Complete runnable example:

import admm
import numpy as np

class SmoothQuantileLoss(admm.UDFBase):
    """Smooth pinball loss for quantile regression.

    f(u) = sum(tau*u + (1/beta)*softplus(-beta*u))
    grad = tau - (1 - sigmoid(beta*u))

    Parameters
    ----------
    arg : admm.Var or expression
        The residual u = prediction - target.
    tau : float
        Quantile level in (0, 1). Default 0.5 (median).
    beta : float
        Smoothing parameter. Larger = closer to exact pinball.
    """
    def __init__(self, arg, tau=0.5, beta=20.0):
        self.arg = arg
        self.tau = tau
        self.beta = beta

    def arguments(self):
        return [self.arg]

    def _softplus(self, z):
        return np.where(z > 20, z, np.log(1 + np.exp(np.clip(z, -500, 20))))

    def _sigmoid(self, z):
        return np.where(z >= 0, 1.0 / (1.0 + np.exp(-z)),
                        np.exp(z) / (1.0 + np.exp(z)))

    def eval(self, arglist):
        u = np.asarray(arglist[0], dtype=float)
        return float(np.sum(self.tau * u + (1.0 / self.beta) * self._softplus(-self.beta * u)))

    def grad(self, arglist):
        u = np.asarray(arglist[0], dtype=float)
        return [self.tau - (1.0 - self._sigmoid(self.beta * u))]

# Heteroscedastic data: noise variance depends on x[:,0]
np.random.seed(123)
n, p = 100, 3
A = np.random.randn(n, p)
x_true = np.array([2.0, -1.0, 0.5])
noise_scale = 0.5 + 2.0 * np.abs(A[:, 0])
b = A @ x_true + noise_scale * np.random.randn(n)

# Fit three quantiles to get a prediction interval
for tau in [0.1, 0.5, 0.9]:
    model = admm.Model()
    x = admm.Var("x", p)
    model.setObjective(SmoothQuantileLoss(A @ x - b, tau=tau))
    model.optimize()
    print(f" * tau={tau}: x = {np.asarray(x.X).round(4)}")

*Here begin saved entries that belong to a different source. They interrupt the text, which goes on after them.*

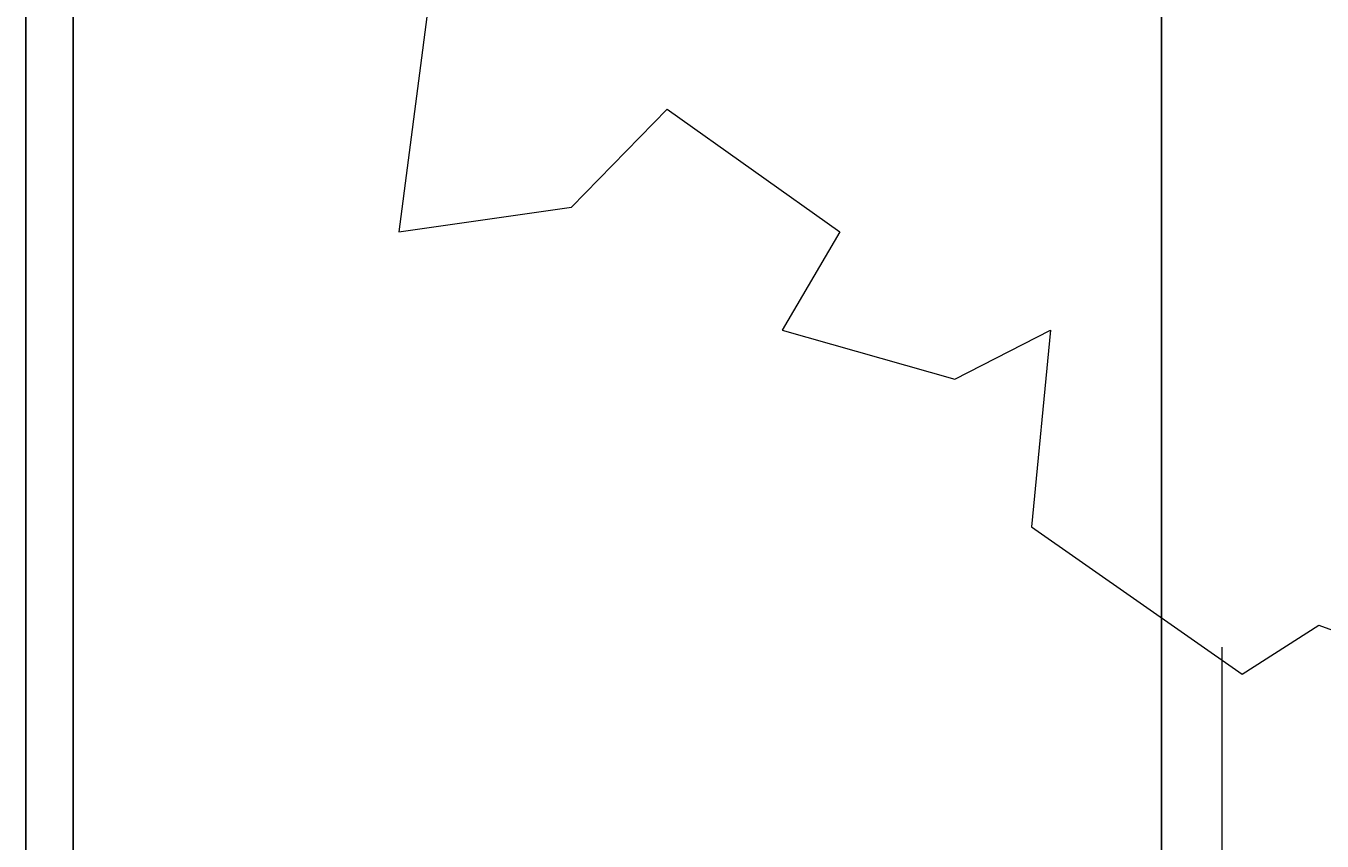
# Model space of a CAD drawing. Units: inches. Extents: x -26 to 776, y -22 to 650.
# Tile 42 of 62: x 426 to 506, y 52 to 102. Entities that reach past the tile are written whole.
import ezdxf

# ---------------------------------------------------------------- set-up
doc = ezdxf.new("R2010")
doc.units = ezdxf.units.IN
doc.header["$MEASUREMENT"] = 0
doc.layers.add('A-ANNO-DIMS', color=2, linetype='Continuous', lineweight=18)
doc.layers.add('L-PLNT-TREE', color=94, linetype='Continuous', lineweight=18)
doc.styles.get("Standard").update_dxf_attribs({"font": 'arial.ttf'})
doc.dimstyles.get("Standard").update_dxf_attribs({"dimtxt": 0.5625, "dimasz": 0.18, "dimexe": 0.18, "dimexo": 0.0625, "dimgap": 0.09, "dimtad": 0, "dimtih": 1, "dimtoh": 1, "dimdec": 4, "dimzin": 0, "dimdsep": 46, "dimlunit": 4, "dimtxsty": 'Standard', "dimcen": 0.09, "dimadec": 0, "dimazin": 0, "dimtfac": 1, "dimtdec": 4, "dimtofl": 0, "dimtmove": 0, "dimatfit": 3, "dimfxl": 1, "dimtolj": 1, "dimtzin": 0, "dimarcsym": 0})

# ---------------------------------------------------------------- blocks, each defined once
blk = doc.blocks.new('Tree - type 2 deciduous elevation')
for points in [[(-30.36, 44.975), (-31.51, 36.128), (-26.334, 36.865), (-23.459, 39.814), (-18.283, 36.128), (-20.008, 33.178), (-14.832, 31.704), (-11.956, 33.178), (-12.531, 27.28), (-6.205, 22.856), (-3.905, 24.331), (0.121, 22.856), (8.173, 26.543), (11.624, 25.068), (12.199, 27.28), (21.4, 34.653), (19.675, 39.077), (23.701, 44.975)], [(-6.813, 23.669), (-6.813, 11.669), (-8.627, 0)]]:
    blk.add_lwpolyline(points)
blk = doc.blocks.new('*D20')
at = {"layer": 'A-ANNO-DIMS', "color": 0, "lineweight": -2, "transparency": 16777216}
for p, q in [((425.806, 455.472), (775.335, 455.472)), ((775.155, 455.292), (775.155, 235.854)), ((775.155, 15.662), (775.155, 235.1)), ((425.806, 15.482), (775.335, 15.482))]:
    blk.add_line(p, q, dxfattribs=at)
at = {"layer": 'A-ANNO-DIMS', "color": 0, "transparency": 16777216}
for points in [[(775.125, 455.292), (775.185, 455.292), (775.155, 455.472)], [(775.125, 15.662), (775.185, 15.662), (775.155, 15.482)]]:
    blk.add_solid(points, dxfattribs=at)
at = {"layer": 'Defpoints', "color": 0, "transparency": 16777216}
for p in [(425.743, 455.472), (775.155, 455.472), (425.743, 15.482)]:
    blk.add_point(p, dxfattribs=at)
at = {"layer": 'A-ANNO-DIMS', "color": 0, "transparency": 16777216, "insert": (775.155, 235.477), "char_height": 0.5625, "attachment_point": 5}
blk.add_mtext('\\A1;440', dxfattribs=at)
blk = doc.blocks.new('*D30')
at = {"layer": 'A-ANNO-DIMS', "color": 0, "lineweight": -2, "transparency": 16777216}
for p, q in [((280.68, 144.836), (775.335, 144.836)), ((775.155, 144.656), (775.155, 86.007)), ((775.155, 26.604), (775.155, 85.253)), ((280.68, 26.424), (775.335, 26.424))]:
    blk.add_line(p, q, dxfattribs=at)
at = {"layer": 'A-ANNO-DIMS', "color": 0, "transparency": 16777216}
for points in [[(775.125, 144.656), (775.185, 144.656), (775.155, 144.836)], [(775.125, 26.604), (775.185, 26.604), (775.155, 26.424)]]:
    blk.add_solid(points, dxfattribs=at)
at = {"layer": 'Defpoints', "color": 0, "transparency": 16777216}
for p in [(280.617, 144.836), (775.155, 144.836), (280.617, 26.424)]:
    blk.add_point(p, dxfattribs=at)
at = {"layer": 'A-ANNO-DIMS', "color": 0, "transparency": 16777216, "insert": (775.155, 85.63), "char_height": 0.5625, "attachment_point": 5}
blk.add_mtext('\\A1;118.41', dxfattribs=at)
blk = doc.blocks.new('*D39')
at = {"layer": 'A-ANNO-DIMS', "color": 0, "lineweight": -2, "transparency": 16777216}
for p, q in [((289.242, 15.545), (289.242, 649.856)), ((289.422, 649.676), (356.478, 649.676)), ((425.563, 649.676), (358.508, 649.676)), ((425.743, 15.545), (425.743, 649.856))]:
    blk.add_line(p, q, dxfattribs=at)
at = {"layer": 'A-ANNO-DIMS', "color": 0, "transparency": 16777216}
for points in [[(289.422, 649.706), (289.422, 649.646), (289.242, 649.676)], [(425.563, 649.706), (425.563, 649.646), (425.743, 649.676)]]:
    blk.add_solid(points, dxfattribs=at)
at = {"layer": 'Defpoints', "color": 0, "transparency": 16777216}
for p in [(425.743, 649.676), (289.242, 15.482), (425.743, 15.482)]:
    blk.add_point(p, dxfattribs=at)
at = {"layer": 'A-ANNO-DIMS', "color": 0, "transparency": 16777216, "insert": (357.493, 649.676), "char_height": 0.5625, "attachment_point": 5}
blk.add_mtext('\\A1;136.5', dxfattribs=at)
blk = doc.blocks.new('*D40')
at = {"layer": 'A-ANNO-DIMS', "color": 0, "lineweight": -2, "transparency": 16777216}
for p, q in [((425.743, 15.545), (425.743, 649.856)), ((425.923, 649.676), (459.646, 649.676)), ((495.451, 649.676), (461.728, 649.676)), ((495.631, 15.545), (495.631, 649.856))]:
    blk.add_line(p, q, dxfattribs=at)
at = {"layer": 'A-ANNO-DIMS', "color": 0, "transparency": 16777216}
for points in [[(425.923, 649.706), (425.923, 649.646), (425.743, 649.676)], [(495.451, 649.706), (495.451, 649.646), (495.631, 649.676)]]:
    blk.add_solid(points, dxfattribs=at)
at = {"layer": 'Defpoints', "color": 0, "transparency": 16777216}
for p in [(495.631, 649.676), (425.743, 15.482), (495.631, 15.482)]:
    blk.add_point(p, dxfattribs=at)
at = {"layer": 'A-ANNO-DIMS', "color": 0, "transparency": 16777216, "insert": (460.687, 649.676), "char_height": 0.5625, "attachment_point": 5}
blk.add_mtext('\\A1;69.89', dxfattribs=at)
blk = doc.blocks.new('*D47')
at = {"layer": 'A-ANNO-DIMS', "color": 0, "lineweight": -2, "transparency": 16777216}
for p, q in [((584.343, 199.901), (584.343, -21.315)), ((428.648, 180.243), (428.648, -21.315)), ((428.828, -21.135), (505.483, -21.135)), ((584.163, -21.135), (507.508, -21.135))]:
    blk.add_line(p, q, dxfattribs=at)
at = {"layer": 'A-ANNO-DIMS', "color": 0, "transparency": 16777216}
for points in [[(428.828, -21.105), (428.828, -21.165), (428.648, -21.135)], [(584.163, -21.105), (584.163, -21.165), (584.343, -21.135)]]:
    blk.add_solid(points, dxfattribs=at)
at = {"layer": 'Defpoints', "color": 0, "transparency": 16777216}
for p in [(584.343, 199.963), (428.648, 180.305), (584.343, -21.135)]:
    blk.add_point(p, dxfattribs=at)
at = {"layer": 'A-ANNO-DIMS', "color": 0, "transparency": 16777216, "insert": (506.496, -21.135), "char_height": 0.5625, "attachment_point": 5}
blk.add_mtext('\\A1;155.7', dxfattribs=at)

msp = doc.modelspace()

# ---------------------------------------------------------------- block references
at = {"layer": 'L-PLNT-TREE', "xscale": 2.050905272406618, "yscale": 2.050905272406618, "zscale": 2.050905272406618}
msp.add_blockref('Tree - type 2 deciduous elevation', (513.3241, 15.4824), dxfattribs=at)

# ---------------------------------------------------------------- dimensions: what is measured, and where the dimension line sits
at = {"layer": 'A-ANNO-DIMS'}
for base, p1, p2, override, picture, middle in [((425.7434, 649.6763), (289.2424, 15.4824), (425.7434, 15.4824), {"dimdec": 1, "dimlfac": 1, "dimrnd": 0, "dimzin": 0, "dimdsep": 46, "dimlunit": 2}, '*D39', (357.4929, 649.6763)), ((495.6309, 649.6763), (425.7434, 15.4824), (495.6309, 15.4824), {"dimdec": 2, "dimlfac": 1, "dimrnd": 0, "dimzin": 0, "dimdsep": 46, "dimlunit": 2}, '*D40', (460.6872, 649.6763)), ((584.3428, -21.1349), (428.6484, 180.3054), (584.3428, 199.9634), {"dimdec": 1, "dimlfac": 1, "dimrnd": 0, "dimzin": 0, "dimdsep": 46, "dimlunit": 2}, '*D47', (506.4956, -21.1349))]:
    dim = msp.add_linear_dim(base=base, p1=p1, p2=p2, dimstyle='Standard', override=override, dxfattribs=at)
    dim.commit()
    dim.dimension.update_dxf_attribs({"geometry": picture, "text_midpoint": middle})
for base, p1, p2, override, picture, middle in [((775.1553, 455.4717), (425.7434, 15.4824), (425.7434, 455.4717), {"dimdec": 0, "dimlfac": 1, "dimrnd": 0, "dimzin": 0, "dimdsep": 46, "dimlunit": 2}, '*D20', (775.1553, 235.477)), ((775.1553, 144.8359), (280.6173, 26.4239), (280.6173, 144.8359), {"dimdec": 2, "dimlfac": 1, "dimrnd": 0, "dimzin": 0, "dimdsep": 46, "dimlunit": 2}, '*D30', (775.1553, 85.6299))]:
    dim = msp.add_linear_dim(base=base, p1=p1, p2=p2, angle=90, dimstyle='Standard', override=override, dxfattribs=at)
    dim.commit()
    dim.dimension.update_dxf_attribs({"geometry": picture, "text_midpoint": middle})

doc.saveas('drawing.dxf')

# Expected: tau=0.1 and tau=0.9 bracket the median, showing the prediction interval

This example is available as a standalone script in the examples/ folder of the ADMM repository:

python examples/udf_grad_smooth_quantile.py

In this example, the noise variance depends on the first covariate (heteroscedastic design). By fitting \(\tau \in \{0.1, 0.5, 0.9\}\), we obtain a prediction interval. The coefficient \(x_0\) shows the largest spread across quantiles (about 0.74), confirming that the first covariate drives the conditional variance. The median regression (\(\tau = 0.5\)) is also more robust than ordinary least squares — it is not pulled by outliers the way the mean is.